GREAT CAESAR’S GHOST, DUBSTEP IN A FINAL FANTASY ALBUM!
With that out of the way, Battle SQ is one of several albums released this past summer by Square Enix Music. Like the numerous other SQ albums, this one features arrangements from SE’s considerable catalog of games, all set to a particular style of music. In the case of Battle SQ, that style is hard electronic. Being my personal genre of choice, I naturally had to weigh in. Does this music manage to stand out amid vocal themes and pub tunes and chipmixes?
While there are a few tracks on the disc that aren’t exactly stellar, this album is far and away my favorite of 2012’s SQ mixes. That may be due in part to my proclivity for the electronic genre, but even with a number of tracks from games I am less familiar with (like Sigma Harmonics and Rudra no Hihou), I found a fantastic selection of arrangements I was jamming along with long after the music had stopped playing. In addition, this is an especially long album, weighing in at nearly two hours, so you’re definitely getting a lot of bang, zap, and wub for your buck.
First and foremost, as my headline stated, Battle SQ opens up with the Final Fantasy victory theme, lovingly Skrillexed into wub-wubitude by Japanese artist dubscribe.
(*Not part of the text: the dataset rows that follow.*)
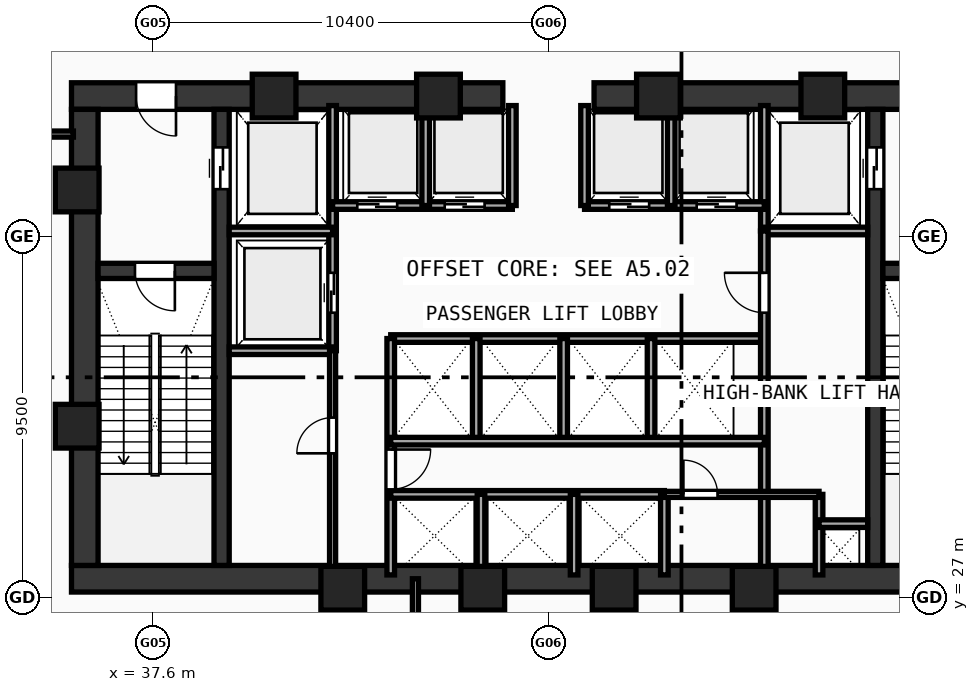
"""IFC4 building model, lengths in metres.
Left out: names, types, materials, properties, quantities, classifications, styles, units other than length and angle.
Written with IfcOpenShell. Run it as: python <this file> out.ifc"""

import sys

from ifc_helpers import new_model, si_unit, direction, frame, frame_2d, origin, origin_with_axes, origin_2d, place, context, subcontext, project, spatial, rectangle, hollow_rectangle, extrude, source, transform, mapped, element, fill, save


model = new_model("IFC4")
c1 = context("Model", 3, precision=1e-05, world=origin(), true_north=direction((0.0, 1.0)))
c2 = subcontext(c1, "Body", "Model", "MODEL_VIEW")
j1 = project(units=[si_unit("LENGTHUNIT", "METRE"), si_unit("PLANEANGLEUNIT", "RADIAN")], contexts=[c1])
p1 = place(None, origin())
s1 = spatial("IfcSite", under=j1, at=p1, CompositionType="ELEMENT")
p2 = place(p1, origin())
s2 = spatial("IfcBuilding", under=s1, at=p2, CompositionType="ELEMENT")
p3 = place(p2, frame((0.0, 0.0, 4.8)))
s3 = spatial("IfcBuildingStorey", under=s2, at=p3, CompositionType="ELEMENT", Elevation=4.8)
p4 = place(p3, frame((35.45, 27.5, 0.0), z_axis=(0.0, 0.0, 1.0), x_axis=(1.0, 0.0, 0.0)))
e1 = element("IfcWall", 1, at=p4, inside=s3, PredefinedType="SHEAR", context=c2, shape_type="SweptSolid", body=[
    extrude(rectangle(XDim=25.1, YDim=0.7, at=frame_2d((12.55, 0.0))), origin(), (0.0, 0.0, 1.0), 4.52),
])
p5 = place(p3, frame((35.45, 40.2, 0.0), z_axis=(0.0, 0.0, 1.0), x_axis=(1.0, 0.0, 0.0)))
e2 = element("IfcWall", 2, at=p5, inside=s3, PredefinedType="SHEAR", context=c2, shape_type="SweptSolid", body=[
    extrude(rectangle(XDim=11.35, YDim=0.7, at=frame_2d((5.675, 0.0))), origin(), (0.0, 0.0, 1.0), 4.52),
])
p6 = place(p5, frame((1.7, 0.0, 0.0)))
e3 = element("IfcOpeningElement", 3, at=p6, cuts=e2, PredefinedType="OPENING", context=c2, shape_type="SweptSolid", body=[
    extrude(rectangle(XDim=1.05, YDim=2.1, at=frame_2d((0.525, 1.05))), frame((0.0, 0.36, 0.0), z_axis=(0.0, -1.0, 0.0), x_axis=(1.0, 0.0, 0.0)), (0.0, 0.0, 1.0), 0.72),
])
p7 = place(p3, frame((49.2, 40.2, 0.0), z_axis=(0.0, 0.0, 1.0), x_axis=(1.0, 0.0, 0.0)))
e4 = element("IfcWall", 4, at=p7, inside=s3, PredefinedType="SHEAR", context=c2, shape_type="SweptSolid", body=[
    extrude(rectangle(XDim=11.35, YDim=0.7, at=frame_2d((5.675, 0.0))), origin(), (0.0, 0.0, 1.0), 4.52),
])
p8 = place(p7, frame((8.6, 0.0, 0.0)))
e5 = element("IfcOpeningElement", 5, at=p8, cuts=e4, PredefinedType="OPENING", context=c2, shape_type="SweptSolid", body=[
    extrude(rectangle(XDim=1.05, YDim=2.1, at=frame_2d((0.525, 1.05))), frame((0.0, 0.36, 0.0), z_axis=(0.0, -1.0, 0.0), x_axis=(1.0, 0.0, 0.0)), (0.0, 0.0, 1.0), 0.72),
])
p9 = place(p3, frame((35.8, 27.85, 0.0), z_axis=(0.0, 0.0, 1.0), x_axis=(0.0, 1.0, 0.0)))
e6 = element("IfcWall", 6, at=p9, inside=s3, PredefinedType="SHEAR", context=c2, shape_type="SweptSolid", body=[
    extrude(rectangle(XDim=12.0, YDim=0.7, at=frame_2d((6.0, 0.0))), origin(), (0.0, 0.0, 1.0), 4.52),
])
p10 = place(p3, frame((39.4, 27.85, 0.0), z_axis=(0.0, 0.0, 1.0), x_axis=(0.0, 1.0, 0.0)))
e7 = element("IfcWall", 7, at=p10, inside=s3, PredefinedType="SHEAR", context=c2, shape_type="SweptSolid", body=[
    extrude(rectangle(XDim=12.0, YDim=0.4, at=frame_2d((6.0, 0.0))), origin(), (0.0, 0.0, 1.0), 4.52),
])
p11 = place(p10, frame((9.9, 0.0, 0.0)))
e8 = element("IfcOpeningElement", 8, at=p11, cuts=e7, PredefinedType="OPENING", context=c2, shape_type="SweptSolid", body=[
    extrude(rectangle(XDim=1.1, YDim=2.1, at=frame_2d((0.55, 1.05))), frame((0.0, 0.21, 0.0), z_axis=(0.0, -1.0, 0.0), x_axis=(1.0, 0.0, 0.0)), (0.0, 0.0, 1.0), 0.42),
])
p12 = place(p3, frame((56.6, 27.85, 0.0), z_axis=(0.0, 0.0, 1.0), x_axis=(0.0, 1.0, 0.0)))
e9 = element("IfcWall", 9, at=p12, inside=s3, PredefinedType="SHEAR", context=c2, shape_type="SweptSolid", body=[
    extrude(rectangle(XDim=12.0, YDim=0.4, at=frame_2d((6.0, 0.0))), origin(), (0.0, 0.0, 1.0), 4.52),
])
p13 = place(p12, frame((9.9, 0.0, 0.0)))
e10 = element("IfcOpeningElement", 10, at=p13, cuts=e9, PredefinedType="OPENING", context=c2, shape_type="SweptSolid", body=[
    extrude(rectangle(XDim=1.1, YDim=2.1, at=frame_2d((0.55, 1.05))), frame((0.0, 0.21, 0.0), z_axis=(0.0, -1.0, 0.0), x_axis=(1.0, 0.0, 0.0)), (0.0, 0.0, 1.0), 0.42),
])
p14 = place(p3, frame((36.15, 35.6, 0.0), z_axis=(0.0, 0.0, 1.0), x_axis=(1.0, 0.0, 0.0)))
e11 = element("IfcWall", 11, at=p14, inside=s3, PredefinedType="SHEAR", context=c2, shape_type="SweptSolid", body=[
    extrude(rectangle(XDim=3.05, YDim=0.4, at=frame_2d((1.525, 0.0))), origin(), (0.0, 0.0, 1.0), 4.52),
])
p15 = place(p14, frame((0.97, 0.0, 0.0)))
e12 = element("IfcOpeningElement", 12, at=p15, cuts=e11, PredefinedType="OPENING", context=c2, shape_type="SweptSolid", body=[
    extrude(rectangle(XDim=1.05, YDim=2.1, at=frame_2d((0.525, 1.05))), frame((0.0, 0.21, 0.0), z_axis=(0.0, -1.0, 0.0), x_axis=(1.0, 0.0, 0.0)), (0.0, 0.0, 1.0), 0.42),
])
p16 = place(p3, frame((56.8, 35.6, 0.0), z_axis=(0.0, 0.0, 1.0), x_axis=(1.0, 0.0, 0.0)))
e13 = element("IfcWall", 13, at=p16, inside=s3, PredefinedType="SHEAR", context=c2, shape_type="SweptSolid", body=[
    extrude(rectangle(XDim=3.05, YDim=0.4, at=frame_2d((1.525, 0.0))), origin(), (0.0, 0.0, 1.0), 4.52),
])
p17 = place(p16, frame((1.02, 0.0, 0.0)))
e14 = element("IfcOpeningElement", 14, at=p17, cuts=e13, PredefinedType="OPENING", context=c2, shape_type="SweptSolid", body=[
    extrude(rectangle(XDim=1.05, YDim=2.1, at=frame_2d((0.525, 1.05))), frame((0.0, 0.21, 0.0), z_axis=(0.0, -1.0, 0.0), x_axis=(1.0, 0.0, 0.0)), (0.0, 0.0, 1.0), 0.42),
])
m1 = source(origin(), c2, "Body", "SweptSolid", [
    extrude(hollow_rectangle(XDim=1.15, YDim=1.15, WallThickness=0.048, at=origin_2d()), origin(), (0.0, 0.0, 1.0), 4.8),
])
for number, where, z_axis, x_axis in (
    (15, (42.588, 27.25, -0.28), (0.0, 0.0, 1.0), (1.0, 0.0, 0.0)),
    (16, (46.272, 27.25, -0.28), (0.0, 0.0, 1.0), (1.0, 0.0, 0.0)),
    (17, (49.729, 27.25, -0.28), (0.0, 0.0, 1.0), (1.0, 0.0, 0.0)),
    (18, (53.412, 27.25, -0.28), (0.0, 0.0, 1.0), (1.0, 0.0, 0.0)),
    (19, (55.219, 40.2, -0.28), (0.0, 0.0, 1.0), (1.0, 0.0, 0.0)),
    (20, (50.894, 40.2, -0.28), (0.0, 0.0, 1.0), (1.0, 0.0, 0.0)),
    (21, (45.106, 40.2, -0.28), (0.0, 0.0, 1.0), (1.0, 0.0, 0.0)),
    (22, (40.781, 40.2, -0.28), (0.0, 0.0, 1.0), (1.0, 0.0, 0.0)),
    (23, (35.6, 37.729, -0.28), (0.0, 0.0, 1.0), (1.0, 0.0, 0.0)),
    (24, (35.6, 31.513, -0.28), (0.0, 0.0, 1.0), (1.0, 0.0, 0.0)),
):
    element("IfcColumn", number, at=place(p3, frame(where, z_axis=z_axis, x_axis=x_axis)), inside=s3, PredefinedType="COLUMN", context=c2, shape_type="MappedRepresentation", body=[
        mapped(m1, transform((0.0, 0.0, 0.0), scale=1.0)),
    ])
p18 = place(p3, frame((42.32, 33.5, 0.0), z_axis=(0.0, 0.0, 1.0), x_axis=(0.0, 1.0, 0.0)))
e25 = element("IfcWall", 25, at=p18, inside=s3, PredefinedType="SOLIDWALL", context=c2, shape_type="SweptSolid", body=[
    extrude(rectangle(XDim=6.45, YDim=0.2, at=frame_2d((3.225, 0.0))), origin(), (0.0, 0.0, 1.0), 4.52),
])
p19 = place(p18, frame((1.0, 0.0, 0.0)))
e26 = element("IfcOpeningElement", 26, at=p19, cuts=e25, PredefinedType="OPENING", context=c2, shape_type="SweptSolid", body=[
    extrude(rectangle(XDim=1.05, YDim=2.1, at=frame_2d((0.525, 1.05))), frame((0.0, 0.11, 0.0), z_axis=(0.0, -1.0, 0.0), x_axis=(1.0, 0.0, 0.0)), (0.0, 0.0, 1.0), 0.22),
])
for number, where, z_axis, x_axis in (
    (27, (39.6, 36.65, 0.0), (0.0, 0.0, 1.0), (1.0, 0.0, 0.0)),
    (28, (39.6, 33.5, 0.0), (0.0, 0.0, 1.0), (1.0, 0.0, 0.0)),
):
    element("IfcWall", number, at=place(p3, frame(where, z_axis=z_axis, x_axis=x_axis)), inside=s3, PredefinedType="SOLIDWALL", context=c2, shape_type="SweptSolid", body=[
        extrude(rectangle(XDim=2.72, YDim=0.2, at=frame_2d((1.36, 0.0))), origin(), (0.0, 0.0, 1.0), 4.52),
    ])
p20 = place(p3, frame((53.68, 36.65, 0.0), z_axis=(0.0, 0.0, 1.0), x_axis=(0.0, 1.0, 0.0)))
e29 = element("IfcWall", 29, at=p20, inside=s3, PredefinedType="SOLIDWALL", context=c2, shape_type="SweptSolid", body=[
    extrude(rectangle(XDim=3.3, YDim=0.2, at=frame_2d((1.65, 0.0))), origin(), (0.0, 0.0, 1.0), 4.52),
])
p21 = place(p3, frame((53.68, 36.65, 0.0), z_axis=(0.0, 0.0, 1.0), x_axis=(1.0, 0.0, 0.0)))
e30 = element("IfcWall", 30, at=p21, inside=s3, PredefinedType="SOLIDWALL", context=c2, shape_type="SweptSolid", body=[
    extrude(rectangle(XDim=2.72, YDim=0.2, at=frame_2d((1.36, 0.0))), origin(), (0.0, 0.0, 1.0), 4.52),
])
p22 = place(p3, frame((42.32, 37.32, 0.0), z_axis=(0.0, 0.0, 1.0), x_axis=(1.0, 0.0, 0.0)))
e31 = element("IfcWall", 31, at=p22, inside=s3, PredefinedType="SOLIDWALL", context=c2, shape_type="SweptSolid", body=[
    extrude(rectangle(XDim=4.73, YDim=0.2, at=frame_2d((2.365, 0.0))), origin(), (0.0, 0.0, 1.0), 4.52),
])
p23 = place(p22, frame((0.65, 0.0, 0.0)))
e32 = element("IfcOpeningElement", 32, at=p23, cuts=e31, PredefinedType="OPENING", context=c2, shape_type="SweptSolid", body=[
    extrude(rectangle(XDim=1.05, YDim=2.1, at=frame_2d((0.525, 1.05))), frame((0.0, 0.11, 0.0), z_axis=(0.0, -1.0, 0.0), x_axis=(1.0, 0.0, 0.0)), (0.0, 0.0, 1.0), 0.22),
])
p24 = place(p22, frame((2.95, 0.0, 0.0)))
e33 = element("IfcOpeningElement", 33, at=p24, cuts=e31, PredefinedType="OPENING", context=c2, shape_type="SweptSolid", body=[
    extrude(rectangle(XDim=1.05, YDim=2.1, at=frame_2d((0.525, 1.05))), frame((0.0, 0.11, 0.0), z_axis=(0.0, -1.0, 0.0), x_axis=(1.0, 0.0, 0.0)), (0.0, 0.0, 1.0), 0.22),
])
p25 = place(p3, frame((48.95, 37.32, 0.0), z_axis=(0.0, 0.0, 1.0), x_axis=(1.0, 0.0, 0.0)))
e34 = element("IfcWall", 34, at=p25, inside=s3, PredefinedType="SOLIDWALL", context=c2, shape_type="SweptSolid", body=[
    extrude(rectangle(XDim=4.73, YDim=0.2, at=frame_2d((2.365, 0.0))), origin(), (0.0, 0.0, 1.0), 4.52),
])
p26 = place(p25, frame((0.65, 0.0, 0.0)))
e35 = element("IfcOpeningElement", 35, at=p26, cuts=e34, PredefinedType="OPENING", context=c2, shape_type="SweptSolid", body=[
    extrude(rectangle(XDim=1.05, YDim=2.1, at=frame_2d((0.525, 1.05))), frame((0.0, 0.11, 0.0), z_axis=(0.0, -1.0, 0.0), x_axis=(1.0, 0.0, 0.0)), (0.0, 0.0, 1.0), 0.22),
])
p27 = place(p25, frame((2.95, 0.0, 0.0)))
e36 = element("IfcOpeningElement", 36, at=p27, cuts=e34, PredefinedType="OPENING", context=c2, shape_type="SweptSolid", body=[
    extrude(rectangle(XDim=1.05, YDim=2.1, at=frame_2d((0.525, 1.05))), frame((0.0, 0.11, 0.0), z_axis=(0.0, -1.0, 0.0), x_axis=(1.0, 0.0, 0.0)), (0.0, 0.0, 1.0), 0.22),
])
for number, where, z_axis, x_axis in (
    (37, (47.05, 37.32, 0.0), (0.0, 0.0, 1.0), (0.0, 1.0, 0.0)),
    (38, (48.95, 37.32, 0.0), (0.0, 0.0, 1.0), (0.0, 1.0, 0.0)),
    (39, (44.77, 37.32, 0.0), (0.0, 0.0, 1.0), (0.0, 1.0, 0.0)),
    (40, (51.23, 37.32, 0.0), (0.0, 0.0, 1.0), (0.0, 1.0, 0.0)),
):
    element("IfcWall", number, at=place(p3, frame(where, z_axis=z_axis, x_axis=x_axis)), inside=s3, PredefinedType="SOLIDWALL", context=c2, shape_type="SweptSolid", body=[
        extrude(rectangle(XDim=2.63, YDim=0.2, at=frame_2d((1.315, 0.0))), origin(), (0.0, 0.0, 1.0), 4.52),
    ])
p28 = place(p3, frame((43.85, 33.82, 0.0), z_axis=(0.0, 0.0, 1.0), x_axis=(1.0, 0.0, 0.0)))
e41 = element("IfcWall", 41, at=p28, inside=s3, PredefinedType="SOLIDWALL", context=c2, shape_type="SweptSolid", body=[
    extrude(rectangle(XDim=9.83, YDim=0.2, at=frame_2d((4.915, 0.0))), origin(), (0.0, 0.0, 1.0), 4.52),
])
p29 = place(p3, frame((43.85, 27.6, 0.0), z_axis=(0.0, 0.0, 1.0), x_axis=(0.0, 1.0, 0.0)))
e42 = element("IfcWall", 42, at=p29, inside=s3, PredefinedType="SOLIDWALL", context=c2, shape_type="SweptSolid", body=[
    extrude(rectangle(XDim=6.22, YDim=0.2, at=frame_2d((3.11, 0.0))), origin(), (0.0, 0.0, 1.0), 4.52),
])
p30 = place(p29, frame((2.25, 0.0, 0.0)))
e43 = element("IfcOpeningElement", 43, at=p30, cuts=e42, PredefinedType="OPENING", context=c2, shape_type="SweptSolid", body=[
    extrude(rectangle(XDim=1.05, YDim=2.1, at=frame_2d((0.525, 1.05))), frame((0.0, 0.11, 0.0), z_axis=(0.0, -1.0, 0.0), x_axis=(1.0, 0.0, 0.0)), (0.0, 0.0, 1.0), 0.22),
])
p31 = place(p3, frame((53.68, 27.6, 0.0), z_axis=(0.0, 0.0, 1.0), x_axis=(0.0, 1.0, 0.0)))
e44 = element("IfcWall", 44, at=p31, inside=s3, PredefinedType="SOLIDWALL", context=c2, shape_type="SweptSolid", body=[
    extrude(rectangle(XDim=9.05, YDim=0.2, at=frame_2d((4.525, 0.0))), origin(), (0.0, 0.0, 1.0), 4.52),
])
p32 = place(p31, frame((6.9, 0.0, 0.0)))
e45 = element("IfcOpeningElement", 45, at=p32, cuts=e44, PredefinedType="OPENING", context=c2, shape_type="SweptSolid", body=[
    extrude(rectangle(XDim=1.05, YDim=2.1, at=frame_2d((0.525, 1.05))), frame((0.0, 0.11, 0.0), z_axis=(0.0, -1.0, 0.0), x_axis=(1.0, 0.0, 0.0)), (0.0, 0.0, 1.0), 0.22),
])
for number, where, z_axis, x_axis in (
    (46, (46.1, 31.12, 0.0), (0.0, 0.0, 1.0), (0.0, 1.0, 0.0)),
    (47, (48.4, 31.12, 0.0), (0.0, 0.0, 1.0), (0.0, 1.0, 0.0)),
    (48, (50.7, 31.12, 0.0), (0.0, 0.0, 1.0), (0.0, 1.0, 0.0)),
):
    element("IfcWall", number, at=place(p3, frame(where, z_axis=z_axis, x_axis=x_axis)), inside=s3, PredefinedType="SOLIDWALL", context=c2, shape_type="SweptSolid", body=[
        extrude(rectangle(XDim=2.7, YDim=0.2, at=frame_2d((1.35, 0.0))), origin(), (0.0, 0.0, 1.0), 4.52),
    ])
p33 = place(p3, frame((43.85, 29.72, 0.0), z_axis=(0.0, 0.0, 1.0), x_axis=(1.0, 0.0, 0.0)))
e49 = element("IfcWall", 49, at=p33, inside=s3, PredefinedType="SOLIDWALL", context=c2, shape_type="SweptSolid", body=[
    extrude(rectangle(XDim=7.2, YDim=0.2, at=frame_2d((3.6, 0.0))), origin(), (0.0, 0.0, 1.0), 4.52),
])
p34 = place(p3, frame((51.05, 27.6, 0.0), z_axis=(0.0, 0.0, 1.0), x_axis=(0.0, 1.0, 0.0)))
e50 = element("IfcWall", 50, at=p34, inside=s3, PredefinedType="SOLIDWALL", context=c2, shape_type="SweptSolid", body=[
    extrude(rectangle(XDim=2.12, YDim=0.2, at=frame_2d((1.06, 0.0))), origin(), (0.0, 0.0, 1.0), 4.52),
])
p35 = place(p3, frame((43.85, 31.12, 0.0), z_axis=(0.0, 0.0, 1.0), x_axis=(1.0, 0.0, 0.0)))
e51 = element("IfcWall", 51, at=p35, inside=s3, PredefinedType="SOLIDWALL", context=c2, shape_type="SweptSolid", body=[
    extrude(rectangle(XDim=9.83, YDim=0.2, at=frame_2d((4.915, 0.0))), origin(), (0.0, 0.0, 1.0), 4.52),
])
for number, where, z_axis, x_axis in (
    (52, (46.225, 27.6, 0.0), (0.0, 0.0, 1.0), (0.0, 1.0, 0.0)),
    (53, (48.675, 27.6, 0.0), (0.0, 0.0, 1.0), (0.0, 1.0, 0.0)),
    (54, (55.12, 27.6, 0.0), (0.0, 0.0, 1.0), (0.0, 1.0, 0.0)),
):
    element("IfcWall", number, at=place(p3, frame(where, z_axis=z_axis, x_axis=x_axis)), inside=s3, PredefinedType="SOLIDWALL", context=c2, shape_type="SweptSolid", body=[
        extrude(rectangle(XDim=2.12, YDim=0.2, at=frame_2d((1.06, 0.0))), origin(), (0.0, 0.0, 1.0), 4.52),
    ])
p36 = place(p3, frame((55.12, 28.95, 0.0), z_axis=(0.0, 0.0, 1.0), x_axis=(1.0, 0.0, 0.0)))
e55 = element("IfcWall", 55, at=p36, inside=s3, PredefinedType="SOLIDWALL", context=c2, shape_type="SweptSolid", body=[
    extrude(rectangle(XDim=1.28, YDim=0.2, at=frame_2d((0.64, 0.0))), origin(), (0.0, 0.0, 1.0), 4.52),
])
p37 = place(p3, frame((42.32, 27.6, 0.0), z_axis=(0.0, 0.0, 1.0), x_axis=(0.0, 1.0, 0.0)))
e56 = element("IfcWall", 56, at=p37, inside=s3, PredefinedType="PARTITIONING", context=c2, shape_type="SweptSolid", body=[
    extrude(rectangle(XDim=5.9, YDim=0.16, at=frame_2d((2.95, 0.0))), origin(), (0.0, 0.0, 1.0), 4.52),
])
p38 = place(p37, frame((3.2, 0.0, 0.0)))
e57 = element("IfcOpeningElement", 57, at=p38, cuts=e56, PredefinedType="OPENING", context=c2, shape_type="SweptSolid", body=[
    extrude(rectangle(XDim=0.94, YDim=2.1, at=frame_2d((0.47, 1.05))), frame((0.0, 0.09, 0.0), z_axis=(0.0, -1.0, 0.0), x_axis=(1.0, 0.0, 0.0)), (0.0, 0.0, 1.0), 0.18),
])
p39 = place(p3, frame((51.05, 29.72, 0.0), z_axis=(0.0, 0.0, 1.0), x_axis=(1.0, 0.0, 0.0)))
e58 = element("IfcWall", 58, at=p39, inside=s3, PredefinedType="PARTITIONING", context=c2, shape_type="SweptSolid", body=[
    extrude(rectangle(XDim=4.07, YDim=0.16, at=frame_2d((2.035, 0.0))), origin(), (0.0, 0.0, 1.0), 4.52),
])
p40 = place(p39, frame((0.5, 0.0, 0.0)))
e59 = element("IfcOpeningElement", 59, at=p40, cuts=e58, PredefinedType="OPENING", context=c2, shape_type="SweptSolid", body=[
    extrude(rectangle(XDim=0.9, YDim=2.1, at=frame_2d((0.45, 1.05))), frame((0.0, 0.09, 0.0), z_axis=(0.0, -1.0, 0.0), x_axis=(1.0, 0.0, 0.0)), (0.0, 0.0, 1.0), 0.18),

Whatever your thoughts on this particular branch of electronic music, this is definitely a catchy song. It has a very dirty, bassy sound that hits a lot of the right notes, though admittedly it isn’t the most adventurous mix. When the buildup stops and the beat finally drops, longtime FF listeners should be pretty hard-pressed not to get into the spirit of the track at least, if not the actual arrangement itself.
Listeners emerge from the mire/paradise of dubstep into a heavy rock/electronic mix of several Live-A-Live songs in “KNOCK YOU DOWN! ~ Ultimate Strength – VICTORY ROAD,” which is an absolutely slamming track. The source material was already strong on its own, but it has been carefully rendered into its new genre. Despite the track reaching nearly seven minutes, it never begins to feel repetitive, utilizing various source tunes and styles to great effect.
A mix from SaGa Frontier 2 called ” Miβgestalt & Todesengel” (a title I couldn’t possibly hope to pronounce) allows one to check one off in their Hamauzu column. This track is given a more trancelike treatment that works fantastically with the source material, with a bridge in the middle of the track leading into a great breakdown and finale. Masashi Hamauzu’s flavor is enhanced rather than diluted by this song.
The first of my three favorite tracks from the album is “Makai Toushi SaGa Furious Battle,” an aptly titled mix by Novoiski that opens with warm and fuzzy chiptunes and then dives right into a furious beat worthy of its title. The song builds, and at around 3:15 it absolutely explodes into a gloriously pulsing fusion of electronic synths, heavy drumbeats, and chiptune audio. I’m a fan.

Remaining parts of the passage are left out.